Alternatively, you can use the docstring in the methods to have more information.
- Catalog module in aepp
Catalog is the system of record for data location and lineage within Adobe Experience Platform. Catalog Service does not contain the actual files or directories that contain the data. Instead, it holds the metadata and description of those files and directories.
Catalog acts as a metadata store or "catalog" where you can find information about your data within Experience Platform.
Simply put, Catalog acts as a metadata store or "catalog" where you can find information about your data within Experience Platform. You can use Catalog to answer the following questions:
- Where is my data located?
- At what stage of processing is this data?
- What systems or processes have acted on my data?
- How much data was successfully processed?
- What errors occurred during processing?
The data can be represented through different types of object depending the state of the data. Catalog is an exhaustive endpoint to fetch the status of these different objects:
- accounts
- batches
- connections
- connectors
- dataSets
- dataSetFiles
- dataSetViews
You can find more information on the official documentation of the catalog
Before importing the module, you would need to import the configuration file, or alternatively provide the information required for the API connection through the configure method. see getting starting.
Note that I am using the connectInstance
parameter to save the configuration imported.
To import the module you can use the import statement with the catalog
keyword.
import aepp
prod = aepp.importConfigFile('myConfig_file.json',connectInstance=True,sandbox='prod')
from aepp import catalog
The catalog module provides a class that you can use for generating and retrieving the different catalog objects.
The following documentation will provide you with more information on its capabilities.
The Catalog
class is the default API connector that you would encounter for any other submodules on this python module.
This class can be instantiated by calling the Catalog()
from the catalog
module.
Following the previous method described above, you can realize this:
import aepp
from aepp import catalog
mySandbox = aepp.importConfigFile('config.json',connectInstance=True,sandbox='prod')
myCat = catalog.Catalog(config=mySandbox)
3 parameters are possible for the instantiation of the class:
- config : OPTIONAL : the connect object instance created when you use
importConfigFile
with connectInstance parameter. Default to latest loaded configuration. - header : OPTIONAL : header object in the config module. (example: aepp.config.header)

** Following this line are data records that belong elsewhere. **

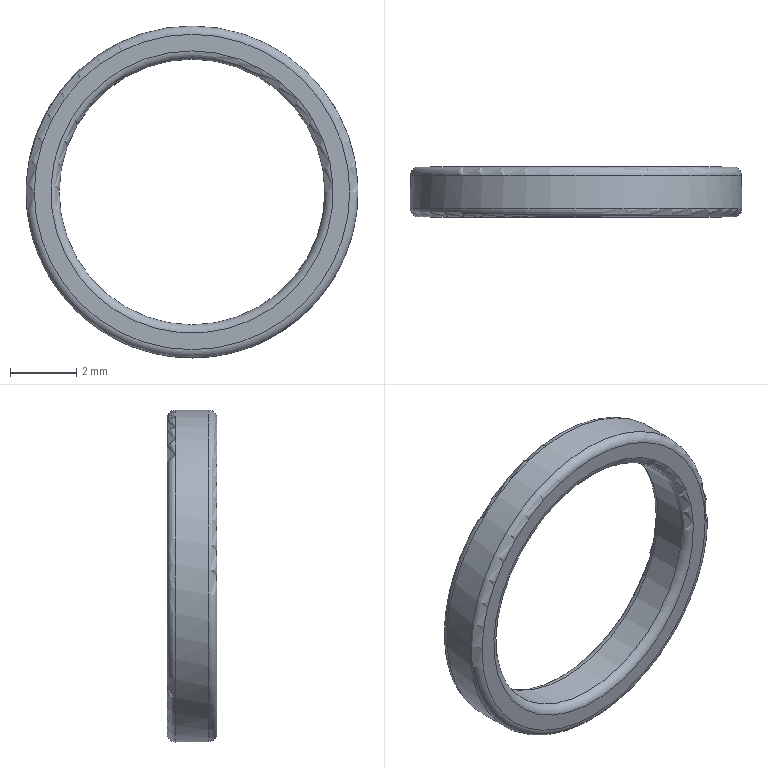Component | NX | AXLESPEEDWASHER | 1 solid | 8 faces | box 10 x 1.5 x 10 mm | volume 41 mm3 | torus 4 | plane 2 | cylinder 2 | commonest cylinder face diameters 10 x1 8 x1
STEP:
#1=CARTESIAN_POINT('',(0.,0.,0.));
#2=DIRECTION('',(0.,0.,1.));
#3=DIRECTION('',(1.,0.,0.));
#4=AXIS2_PLACEMENT_3D('',#1,#2,#3);
#5=CARTESIAN_POINT('',(-422.274,-112.,-59.25));
#6=VERTEX_POINT('',#5);
#7=CARTESIAN_POINT('',(-422.274,-112.,-63.5));
#8=DIRECTION('',(0.,1.,0.));
#9=DIRECTION('',(0.,0.,1.));
#10=AXIS2_PLACEMENT_3D('',#7,#8,#9);
#11=CIRCLE('',#10,4.25);
#12=CARTESIAN_POINT('',(-422.274,-112.,-63.5));
#13=DIRECTION('',(0.,-1.,0.));
#14=DIRECTION('',(0.,0.,1.));
#15=AXIS2_PLACEMENT_3D('',#12,#13,#14);
#16=PLANE('',#15);
#17=CARTESIAN_POINT('',(4.25,0.));
#18=CARTESIAN_POINT('',(4.25,-7.361));
#19=CARTESIAN_POINT('',(-2.125,-3.681));
#20=CARTESIAN_POINT('',(-8.5,-0.));
#21=CARTESIAN_POINT('',(-2.125,3.681));
#22=CARTESIAN_POINT('',(4.25,7.361));
#23=CARTESIAN_POINT('',(4.25,0.));
#24=(BOUNDED_CURVE()B_SPLINE_CURVE(2,(#17,#18,#19,#20,#21,#22,#23),.UNSPECIFIED.,.T.,.F.)B_SPLINE_CURVE_WITH_KNOTS((1,2,2,2,2,1),(-2.094,0.,2.094,4.189,6.283,8.378),.UNSPECIFIED.)CURVE()GEOMETRIC_REPRESENTATION_ITEM()RATIONAL_B_SPLINE_CURVE((1.,0.5,1.,0.5,1.,0.5,1.))REPRESENTATION_ITEM(''));
#25=(GEOMETRIC_REPRESENTATION_CONTEXT(2)PARAMETRIC_REPRESENTATION_CONTEXT()REPRESENTATION_CONTEXT('',''));
#26=DEFINITIONAL_REPRESENTATION('',(#24),#25);
#27=PCURVE('',#16,#26);
#28=CARTESIAN_POINT('',(-422.274,-111.75,-63.5));
#29=DIRECTION('',(0.,-1.,0.));
#30=DIRECTION('',(0.,0.,1.));
#31=AXIS2_PLACEMENT_3D('',#28,#29,#30);
#32=TOROIDAL_SURFACE('',#31,4.25,0.25);
#33=CARTESIAN_POINT('',(6.283,7.854));
#34=DIRECTION('',(-1.,0.));
#35=VECTOR('',#34,1.);
#36=LINE('',#33,#35);
#37=(GEOMETRIC_REPRESENTATION_CONTEXT(2)PARAMETRIC_REPRESENTATION_CONTEXT()REPRESENTATION_CONTEXT('',''));
#38=DEFINITIONAL_REPRESENTATION('',(#36),#37);
#39=PCURVE('',#32,#38);
#40=SURFACE_CURVE('',#11,(#27,#39),.PCURVE_S1.);
#41=EDGE_CURVE('',#6,#6,#40,.T.);
#42=ORIENTED_EDGE('',*,*,#41,.T.);
#43=EDGE_LOOP('',(#42));
#44=FACE_BOUND('',#43,.T.);
#45=CARTESIAN_POINT('',(-422.274,-112.,-58.75));
#46=VERTEX_POINT('',#45);
#47=CARTESIAN_POINT('',(-422.274,-112.,-63.5));
#48=DIRECTION('',(0.,-1.,0.));
#49=DIRECTION('',(0.,0.,1.));
#50=AXIS2_PLACEMENT_3D('',#47,#48,#49);
#51=CIRCLE('',#50,4.75);
#52=CARTESIAN_POINT('',(0.,0.));
#53=DIRECTION('',(1.,0.));
#54=AXIS2_PLACEMENT_2D('',#52,#53);
#55=CIRCLE('',#54,4.75);
#56=(GEOMETRIC_REPRESENTATION_CONTEXT(2)PARAMETRIC_REPRESENTATION_CONTEXT()REPRESENTATION_CONTEXT('',''));
#57=DEFINITIONAL_REPRESENTATION('',(#55),#56);
#58=PCURVE('',#16,#57);
#59=CARTESIAN_POINT('',(-422.274,-111.75,-63.5));
#60=DIRECTION('',(0.,-1.,0.));
#61=DIRECTION('',(0.,0.,1.));
#62=AXIS2_PLACEMENT_3D('',#59,#60,#61);
#63=TOROIDAL_SURFACE('',#62,4.75,0.25);
#64=CARTESIAN_POINT('',(0.,7.854));
#65=DIRECTION('',(1.,0.));
#66=VECTOR('',#65,1.);
#67=LINE('',#64,#66);
#68=(GEOMETRIC_REPRESENTATION_CONTEXT(2)PARAMETRIC_REPRESENTATION_CONTEXT()REPRESENTATION_CONTEXT('',''));
#69=DEFINITIONAL_REPRESENTATION('',(#67),#68);
#70=PCURVE('',#63,#69);
#71=SURFACE_CURVE('',#51,(#58,#70),.PCURVE_S1.);
#72=EDGE_CURVE('',#46,#46,#71,.T.);
#73=ORIENTED_EDGE('',*,*,#72,.T.);
#74=EDGE_LOOP('',(#73));
#75=FACE_BOUND('',#74,.T.);
#76=ADVANCED_FACE('',(#44,#75),#16,.T.);
#77=CARTESIAN_POINT('',(-422.274,-110.5,-67.75));
#78=VERTEX_POINT('',#77);
#79=CARTESIAN_POINT('',(-422.274,-110.5,-63.5));
#80=DIRECTION('',(0.,-1.,0.));
#81=DIRECTION('',(0.,0.,-1.));
#82=AXIS2_PLACEMENT_3D('',#79,#80,#81);
#83=CIRCLE('',#82,4.25);
#84=CARTESIAN_POINT('',(-422.274,-110.5,-63.5));
#85=DIRECTION('',(0.,1.,0.));
#86=DIRECTION('',(0.,0.,-1.));
#87=AXIS2_PLACEMENT_3D('',#84,#85,#86);
#88=PLANE('',#87);
#89=CARTESIAN_POINT('',(4.25,0.));
#90=CARTESIAN_POINT('',(4.25,-7.361));
#91=CARTESIAN_POINT('',(-2.125,-3.681));
#92=CARTESIAN_POINT('',(-8.5,-0.));
#93=CARTESIAN_POINT('',(-2.125,3.681));
#94=CARTESIAN_POINT('',(4.25,7.361));
#95=CARTESIAN_POINT('',(4.25,0.));
#96=(BOUNDED_CURVE()B_SPLINE_CURVE(2,(#89,#90,#91,#92,#93,#94,#95),.UNSPECIFIED.,.T.,.F.)B_SPLINE_CURVE_WITH_KNOTS((1,2,2,2,2,1),(-2.094,0.,2.094,4.189,6.283,8.378),.UNSPECIFIED.)CURVE()GEOMETRIC_REPRESENTATION_ITEM()RATIONAL_B_SPLINE_CURVE((1.,0.5,1.,0.5,1.,0.5,1.))REPRESENTATION_ITEM(''));
#97=(GEOMETRIC_REPRESENTATION_CONTEXT(2)PARAMETRIC_REPRESENTATION_CONTEXT()REPRESENTATION_CONTEXT('',''));
#98=DEFINITIONAL_REPRESENTATION('',(#96),#97);
#99=PCURVE('',#88,#98);
#100=CARTESIAN_POINT('',(-422.274,-110.75,-63.5));
#101=DIRECTION('',(0.,1.,0.));
#102=DIRECTION('',(0.,0.,-1.));
#103=AXIS2_PLACEMENT_3D('',#100,#101,#102);
#104=TOROIDAL_SURFACE('',#103,4.25,0.25);
#105=CARTESIAN_POINT('',(6.283,7.854));
#106=DIRECTION('',(-1.,0.));
#107=VECTOR('',#106,1.);
#108=LINE('',#105,#107);
#109=(GEOMETRIC_REPRESENTATION_CONTEXT(2)PARAMETRIC_REPRESENTATION_CONTEXT()REPRESENTATION_CONTEXT('',''));
#110=DEFINITIONAL_REPRESENTATION('',(#108),#109);
#111=PCURVE('',#104,#110);
#112=SURFACE_CURVE('',#83,(#99,#111),.PCURVE_S1.);
#113=EDGE_CURVE('',#78,#78,#112,.T.);
#114=ORIENTED_EDGE('',*,*,#113,.T.);
#115=EDGE_LOOP('',(#114));
#116=FACE_BOUND('',#115,.T.);
#117=CARTESIAN_POINT('',(-422.274,-110.5,-68.25));
#118=VERTEX_POINT('',#117);
#119=CARTESIAN_POINT('',(-422.274,-110.5,-63.5));
#120=DIRECTION('',(0.,1.,0.));
#121=DIRECTION('',(0.,0.,-1.));
#122=AXIS2_PLACEMENT_3D('',#119,#120,#121);
#123=CIRCLE('',#122,4.75);
#124=CARTESIAN_POINT('',(0.,0.));
#125=DIRECTION('',(1.,0.));
#126=AXIS2_PLACEMENT_2D('',#124,#125);
#127=CIRCLE('',#126,4.75);
#128=(GEOMETRIC_REPRESENTATION_CONTEXT(2)PARAMETRIC_REPRESENTATION_CONTEXT()REPRESENTATION_CONTEXT('',''));
#129=DEFINITIONAL_REPRESENTATION('',(#127),#128);
#130=PCURVE('',#88,#129);
#131=CARTESIAN_POINT('',(-422.274,-110.75,-63.5));
#132=DIRECTION('',(0.,1.,0.));
#133=DIRECTION('',(0.,0.,-1.));
#134=AXIS2_PLACEMENT_3D('',#131,#132,#133);
#135=TOROIDAL_SURFACE('',#134,4.75,0.25);
#136=CARTESIAN_POINT('',(0.,7.854));
#137=DIRECTION('',(1.,0.));
#138=VECTOR('',#137,1.);
#139=LINE('',#136,#138);
#140=(GEOMETRIC_REPRESENTATION_CONTEXT(2)PARAMETRIC_REPRESENTATION_CONTEXT()REPRESENTATION_CONTEXT('',''));
#141=DEFINITIONAL_REPRESENTATION('',(#139),#140);
#142=PCURVE('',#135,#141);
#143=SURFACE_CURVE('',#123,(#130,#142),.PCURVE_S1.);
#144=EDGE_CURVE('',#118,#118,#143,.T.);
#145=ORIENTED_EDGE('',*,*,#144,.T.);
#146=EDGE_LOOP('',(#145));
#147=FACE_BOUND('',#146,.T.);
#148=ADVANCED_FACE('',(#116,#147),#88,.T.);
#149=CARTESIAN_POINT('',(-422.274,-111.75,-58.5));
#150=VERTEX_POINT('',#149);
#151=CARTESIAN_POINT('',(-422.274,-111.75,-63.5));
#152=DIRECTION('',(0.,1.,0.));
#153=DIRECTION('',(0.,0.,1.));
#154=AXIS2_PLACEMENT_3D('',#151,#152,#153);
#155=CIRCLE('',#154,5.);
#156=CARTESIAN_POINT('',(-422.274,-110.5,-63.5));
#157=DIRECTION('',(0.,-1.,0.));
#158=DIRECTION('',(-1.,0.,0.));
#159=AXIS2_PLACEMENT_3D('',#156,#157,#158);
#160=CYLINDRICAL_SURFACE('',#159,5.);
#161=CARTESIAN_POINT('',(10.996,1.25));
#162=DIRECTION('',(-1.,0.));
#163=VECTOR('',#162,1.);
#164=LINE('',#161,#163);
#165=(GEOMETRIC_REPRESENTATION_CONTEXT(2)PARAMETRIC_REPRESENTATION_CONTEXT()REPRESENTATION_CONTEXT('',''));
#166=DEFINITIONAL_REPRESENTATION('',(#164),#165);
#167=PCURVE('',#160,#166);
#168=CARTESIAN_POINT('',(6.283,6.283));
#169=DIRECTION('',(-1.,0.));
#170=VECTOR('',#169,1.);
#171=LINE('',#168,#170);
#172=(GEOMETRIC_REPRESENTATION_CONTEXT(2)PARAMETRIC_REPRESENTATION_CONTEXT()REPRESENTATION_CONTEXT('',''));
#173=DEFINITIONAL_REPRESENTATION('',(#171),#172);
#174=PCURVE('',#63,#173);
#175=SURFACE_CURVE('',#155,(#167,#174),.PCURVE_S1.);
#176=EDGE_CURVE('',#150,#150,#175,.T.);
#177=ORIENTED_EDGE('',*,*,#176,.T.);
#178=CARTESIAN_POINT('',(-422.274,-110.75,-58.5));
#179=VERTEX_POINT('',#178);
#180=CARTESIAN_POINT('',(-422.274,-110.75,-58.5));
#181=CARTESIAN_POINT('',(-422.274,-111.75,-58.5));
#182=B_SPLINE_CURVE_WITH_KNOTS('',1,(#180,#181),.UNSPECIFIED.,.F.,.F.,(2,2),(0.25,1.25),.PIECEWISE_BEZIER_KNOTS.);
#183=CARTESIAN_POINT('',(4.712,0.));
#184=DIRECTION('',(0.,1.));
#185=VECTOR('',#184,1.);
#186=LINE('',#183,#185);
#187=(GEOMETRIC_REPRESENTATION_CONTEXT(2)PARAMETRIC_REPRESENTATION_CONTEXT()REPRESENTATION_CONTEXT('',''));
#188=DEFINITIONAL_REPRESENTATION('',(#186),#187);
#189=PCURVE('',#160,#188);
#190=CARTESIAN_POINT('',(10.996,0.));
#191=DIRECTION('',(0.,1.));
#192=VECTOR('',#191,1.);
#193=LINE('',#190,#192);
#194=(GEOMETRIC_REPRESENTATION_CONTEXT(2)PARAMETRIC_REPRESENTATION_CONTEXT()REPRESENTATION_CONTEXT('',''));
#195=DEFINITIONAL_REPRESENTATION('',(#193),#194);
#196=PCURVE('',#160,#195);
#197=SEAM_CURVE('',#182,(#189,#196),.PCURVE_S1.);
#198=EDGE_CURVE('',#179,#150,#197,.T.);
#199=ORIENTED_EDGE('',*,*,#198,.F.);
#200=CARTESIAN_POINT('',(-422.274,-110.75,-68.5));
#201=VERTEX_POINT('',#200);
#202=CARTESIAN_POINT('',(-422.274,-110.75,-63.5));
#203=DIRECTION('',(0.,-1.,0.));
#204=DIRECTION('',(0.,0.,-1.));
#205=AXIS2_PLACEMENT_3D('',#202,#203,#204);
#206=CIRCLE('',#205,5.);
#207=CARTESIAN_POINT('',(1.571,0.25));
#208=DIRECTION('',(1.,0.));
#209=VECTOR('',#208,1.);
#210=LINE('',#207,#209);
#211=(GEOMETRIC_REPRESENTATION_CONTEXT(2)PARAMETRIC_REPRESENTATION_CONTEXT()REPRESENTATION_CONTEXT('',''));
#212=DEFINITIONAL_REPRESENTATION('',(#210),#211);
#213=PCURVE('',#160,#212);
#214=CARTESIAN_POINT('',(6.283,6.283));
#215=DIRECTION('',(-1.,0.));
#216=VECTOR('',#215,1.);
#217=LINE('',#214,#216);
#218=(GEOMETRIC_REPRESENTATION_CONTEXT(2)PARAMETRIC_REPRESENTATION_CONTEXT()REPRESENTATION_CONTEXT('',''));
#219=DEFINITIONAL_REPRESENTATION('',(#217),#218);
#220=PCURVE('',#135,#219);
#221=SURFACE_CURVE('',#206,(#213,#220),.PCURVE_S1.);
#222=EDGE_CURVE('',#179,#201,#221,.T.);
#223=ORIENTED_EDGE('',*,*,#222,.T.);
#224=CARTESIAN_POINT('',(-422.274,-110.75,-63.5));
#225=DIRECTION('',(0.,-1.,0.));
#226=DIRECTION('',(0.,0.,-1.));
#227=AXIS2_PLACEMENT_3D('',#224,#225,#226);
#228=CIRCLE('',#227,5.);
#229=CARTESIAN_POINT('',(7.854,0.25));
#230=DIRECTION('',(1.,0.));
#231=VECTOR('',#230,1.);
#232=LINE('',#229,#231);
#233=(GEOMETRIC_REPRESENTATION_CONTEXT(2)PARAMETRIC_REPRESENTATION_CONTEXT()REPRESENTATION_CONTEXT('',''));
#234=DEFINITIONAL_REPRESENTATION('',(#232),#233);
#235=PCURVE('',#160,#234);
#236=CARTESIAN_POINT('',(6.283,6.283));
#237=DIRECTION('',(-1.,0.));
#238=VECTOR('',#237,1.);
#239=LINE('',#236,#238);
#240=(GEOMETRIC_REPRESENTATION_CONTEXT(2)PARAMETRIC_REPRESENTATION_CONTEXT()REPRESENTATION_CONTEXT('',''));
#241=DEFINITIONAL_REPRESENTATION('',(#239),#240);
#242=PCURVE('',#135,#241);
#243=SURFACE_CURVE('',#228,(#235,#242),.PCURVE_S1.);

- loggingObject : OPTIONAL : A logging object that can be passed for debuging or logging elements, see logging documentation
You can access some attributes once you have instantiated the class.
These following elements would be available:
- sandbox : provide which sandbox is currently being used
- header : provide the default header which is used for the requests.
- loggingEnabled : if the logging capability has been used
- endpoint : the default endpoint used for all methods.
Once you have run the getDatasets
method via the Catalog
instance. You will automatically populate the data
attributes.
This data attribute contains 3 dictionaries:
- table_names : represent the following mapping
{ 'datasetName' : 'QueryServiceTableName' }
- schema_ref : represent the following mapping
{ 'datasetName' : 'schemaRefId' }
- ids : represent the following mapping
{ 'datasetName' : 'datasetId' }
To enable it, just do the following:
import aepp
from aepp import catalog
mySandbox = aepp.importConfigFile('config.json',connectInstance=True,sandbox='prod')
myCat = catalog.Catalog(config=mySandbox)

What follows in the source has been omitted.